Main risks

The CIR group operates in various industry and service sectors, both nationally and internationally, so its business is exposed to various kinds of financial risk, including market risk (currency risk and price risk), credit risk, liquidity risk and interest rate risk. The group uses hedging derivatives to minimise certain types of risks. Risk management is carried out by the central finance and treasury function on the basis of policies approved by top management and communicated to the subsidiaries on 25 July 2003.

Market risk

As the group operates internationally, Sogefi in particular, it is exposed to the risk that fluctuations in exchange rates could affect the fair value of some of its assets and liabilities. The Sogefi group produces and sells mainly in the Eurozone, but it is subject to currency risk, especially versus the GB pound, Brazilian real, US dollar, Argentine peso, Chinese renminbi and Canadian dollar. Regarding the translation risk regarding the financial statements of international subsidiaries, the operating companies generally have a high degree of convergence between the currencies of their sourcing costs and their sales revenue, are active both in their own domestic markets and abroad and, if necessary, can arrange funding locally.

Credit risk

Credit risk can be assessed both in commercial terms by customer type, contractual terms and sales concentration, and in financial terms by type of counterparty used in financial transactions. There is no significant concentration of credit risk within the group. Some time ago adequate policies were put in place to ensure that sales are made to customers of an appropriate credit history. The counterparties for derivative products and cash transactions are exclusively financial institutions with a high credit rating. The group has policies that limit credit exposure to individual financial institutions. Credit risk can vary depending on the business segment concerned. In the “Automotive Components” segment there is no excessive concentration of credit risk since the Original Equipment and After-market distribution channels with which it operates are car manufacturers or large purchasing groups without any particular concentration of risk. The “Healthcare” segment has different concentrations of credit depending on the nature of the activities carried out by the operating companies, as well as by their different target customers, mitigated, however, by the fact that the credit exposure is spread over a large number of counterparties and customers. For example, the concentration of credit is lower than in the case of management of residential care homes, whose revenue derive more than 50% from the number of guests in the facility and whose assets from public entities recognised in the financial statements (mainly local health authorities and municipalities) are due from a plurality of subjects. The concentration of credit is greater than in the case of hospital management (or of diagnostic imaging departments in hospitals) due to the fact that almost all of the revenue derives from a single subject. The monitoring of credit risk versus customers includes grouping receivables together by type, age, whether the company is in financial difficulty or is involved in disputes and the existence of legal or insolvency proceedings.

Liquidity risk

Prudent management of liquidity risk implies maintaining sufficient liquidity and negotiable securities and ensuring an adequate supply of credit facilities to ensure adequate funding.
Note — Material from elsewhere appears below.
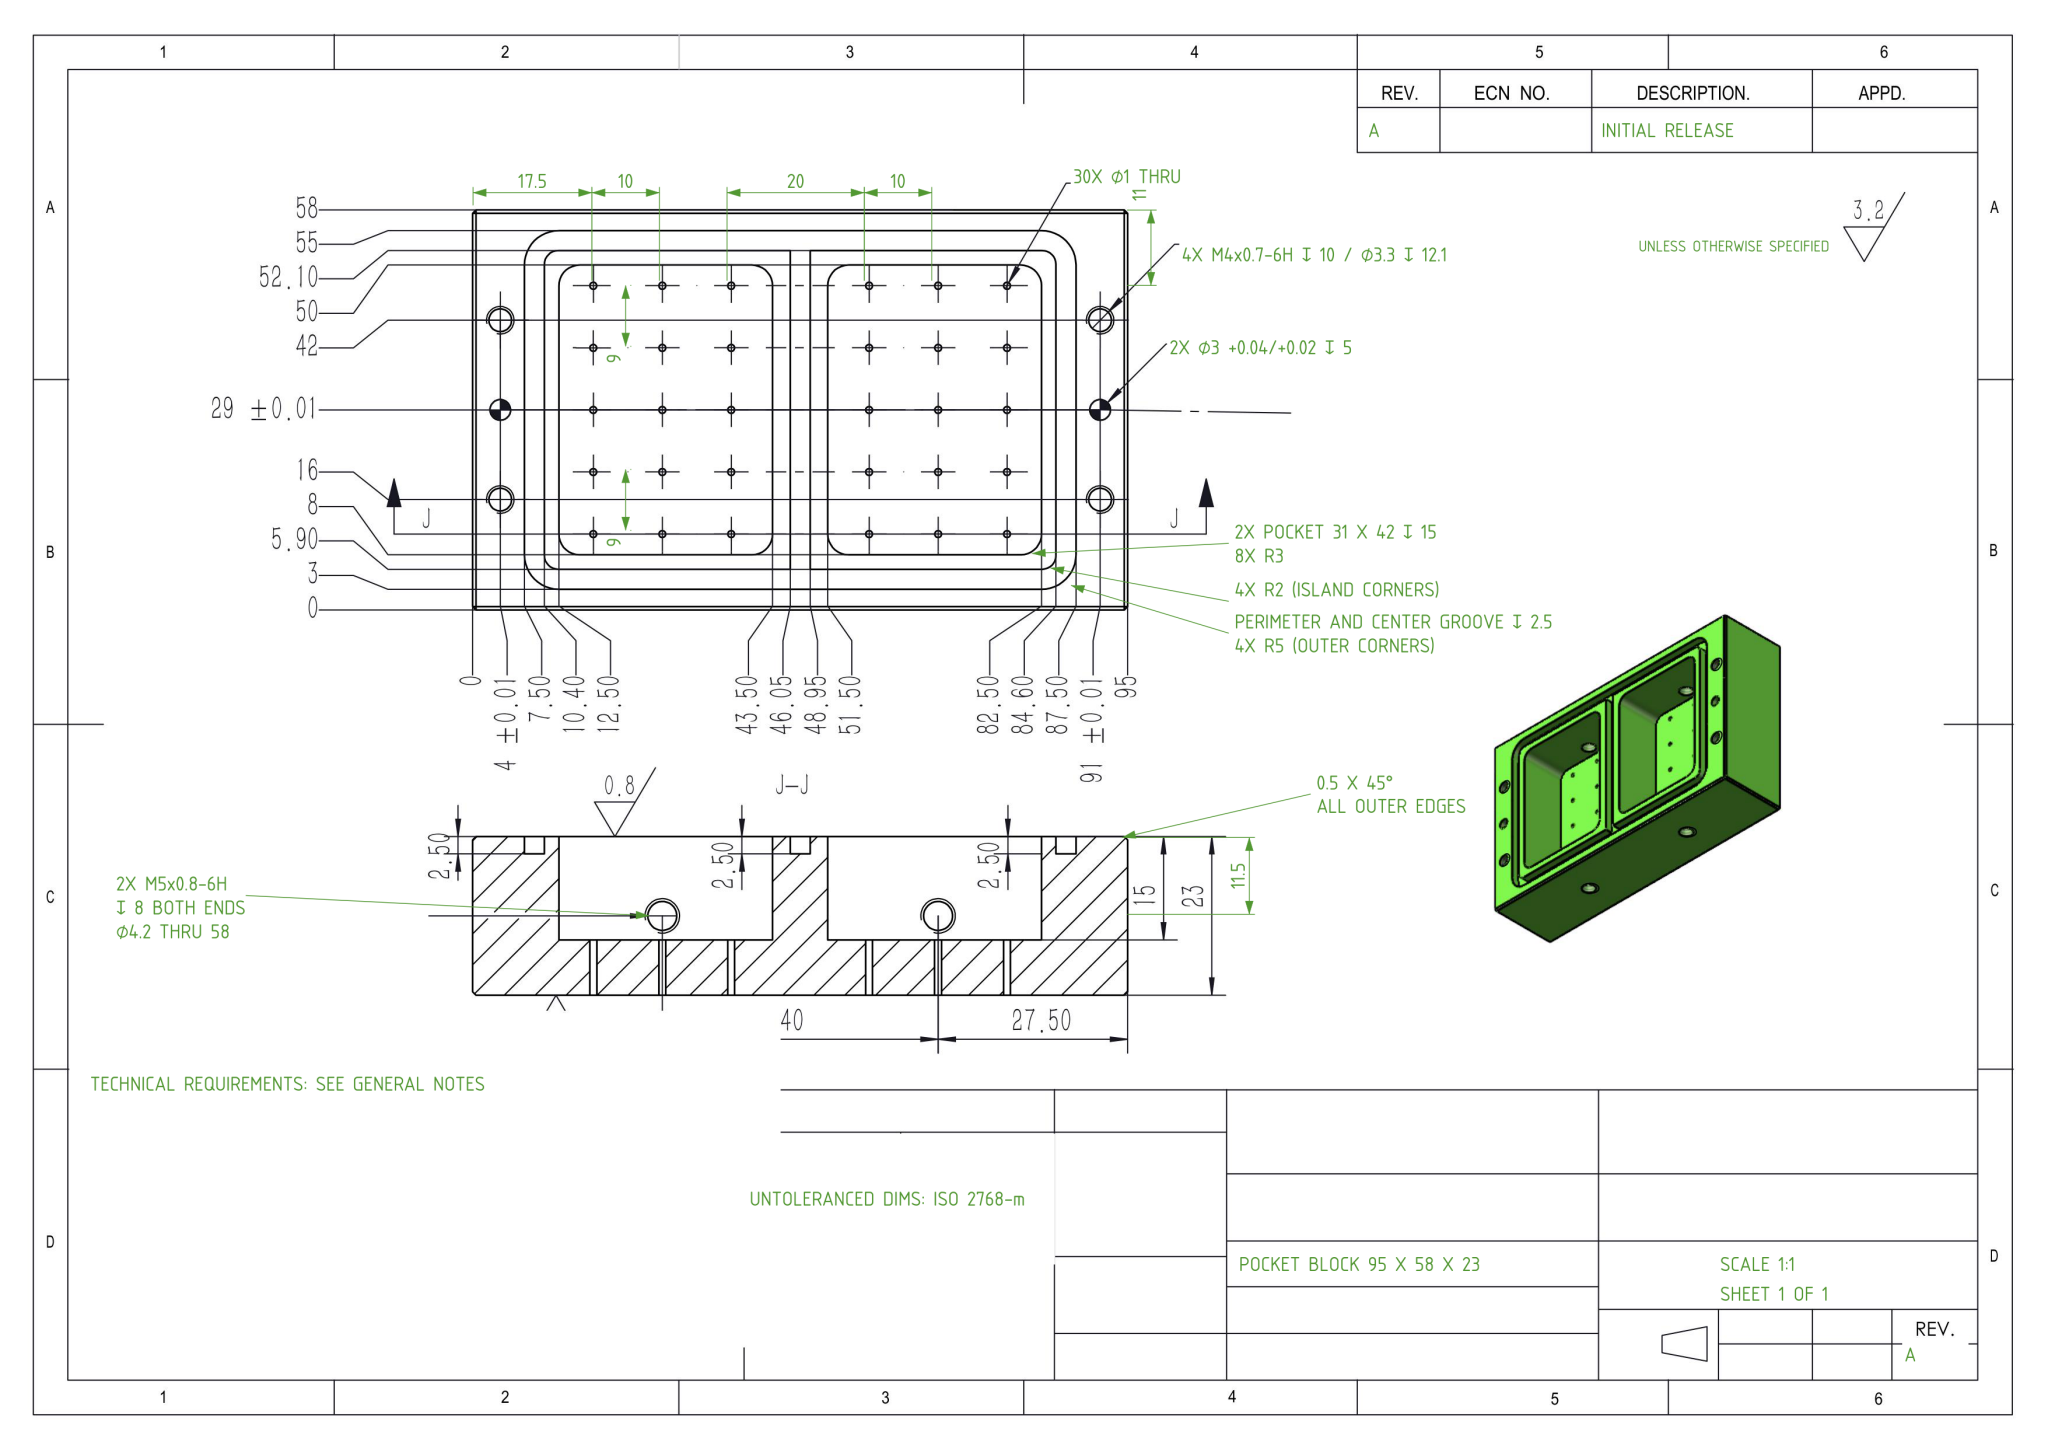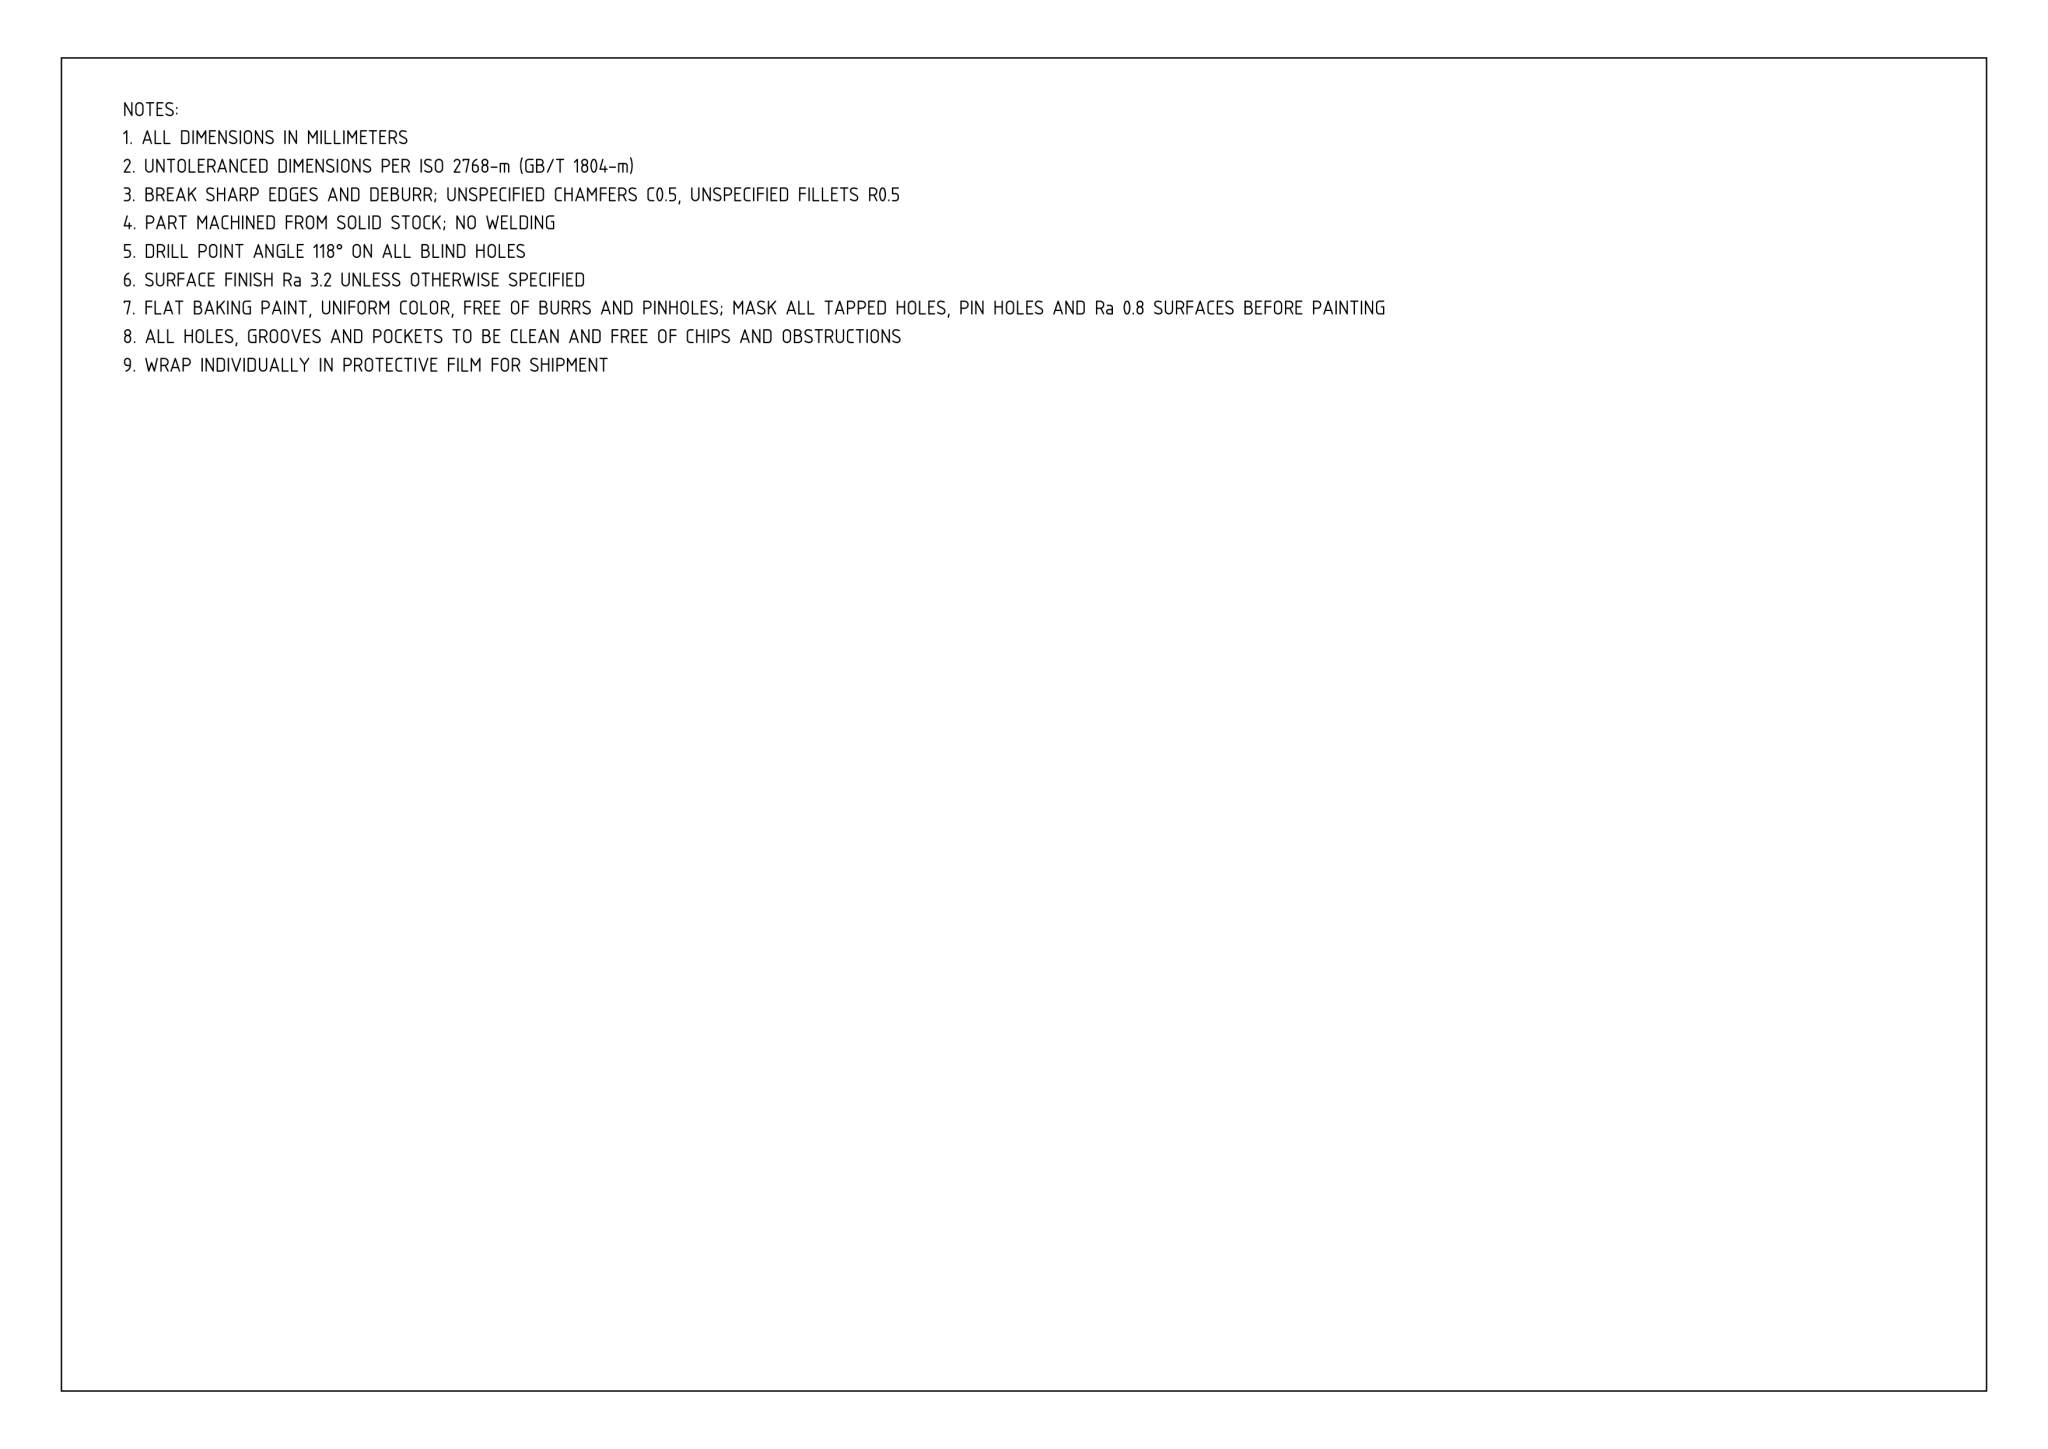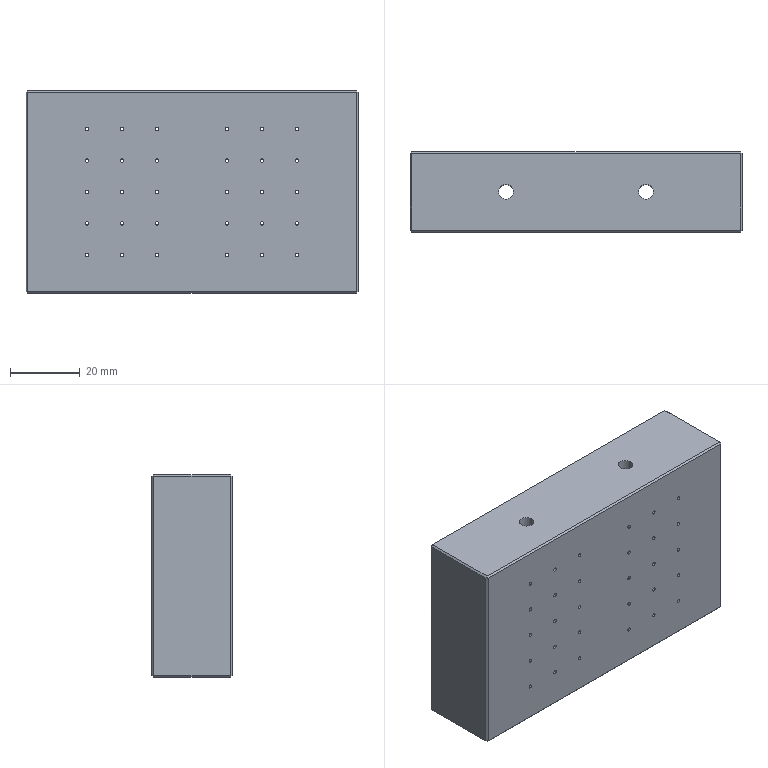Part | NX | mm | 1 solid | 159 faces | box 95 x 23 x 58 mm | volume 84563 mm3 | cylinder 96 | plane 51 | cone 12 | commonest cylinder face diameters 1 x60 3.3 x8 4.2 x8 6 x8 3 x4 10 x4 4 x4

The group systematically meets its due dates, and such conduct enables it to operate on the market with the necessary flexibility and reliability to maintain a correct balance between funding and deployment of its financial resources. The companies heading up the three main business segments manage their own liquidity risk directly and independently. Tight control is exercised over the net financial position and its outlook in the short, medium and long term. In general, the group follows an extremely prudent financial policy using mainly medium/long-term funding arrangements. Treasury management is centralised for the operating groups.

Interest rate risk

Interest rate risk depends on fluctuations in market rates, which can cause changes in the fair value of cash flows of financial assets or liabilities. Interest rate risk mainly concerns long-term bonds issued at a fixed rate, which exposes the group to the risk of fluctuations in their fair value as interest rates change.  In line with the group’s risk management policies, the parent and the subsidiaries have entered into various IRS contracts with leading financial institutions over the years in order to hedge interest rate risk on their bond issues and loans and borrowings.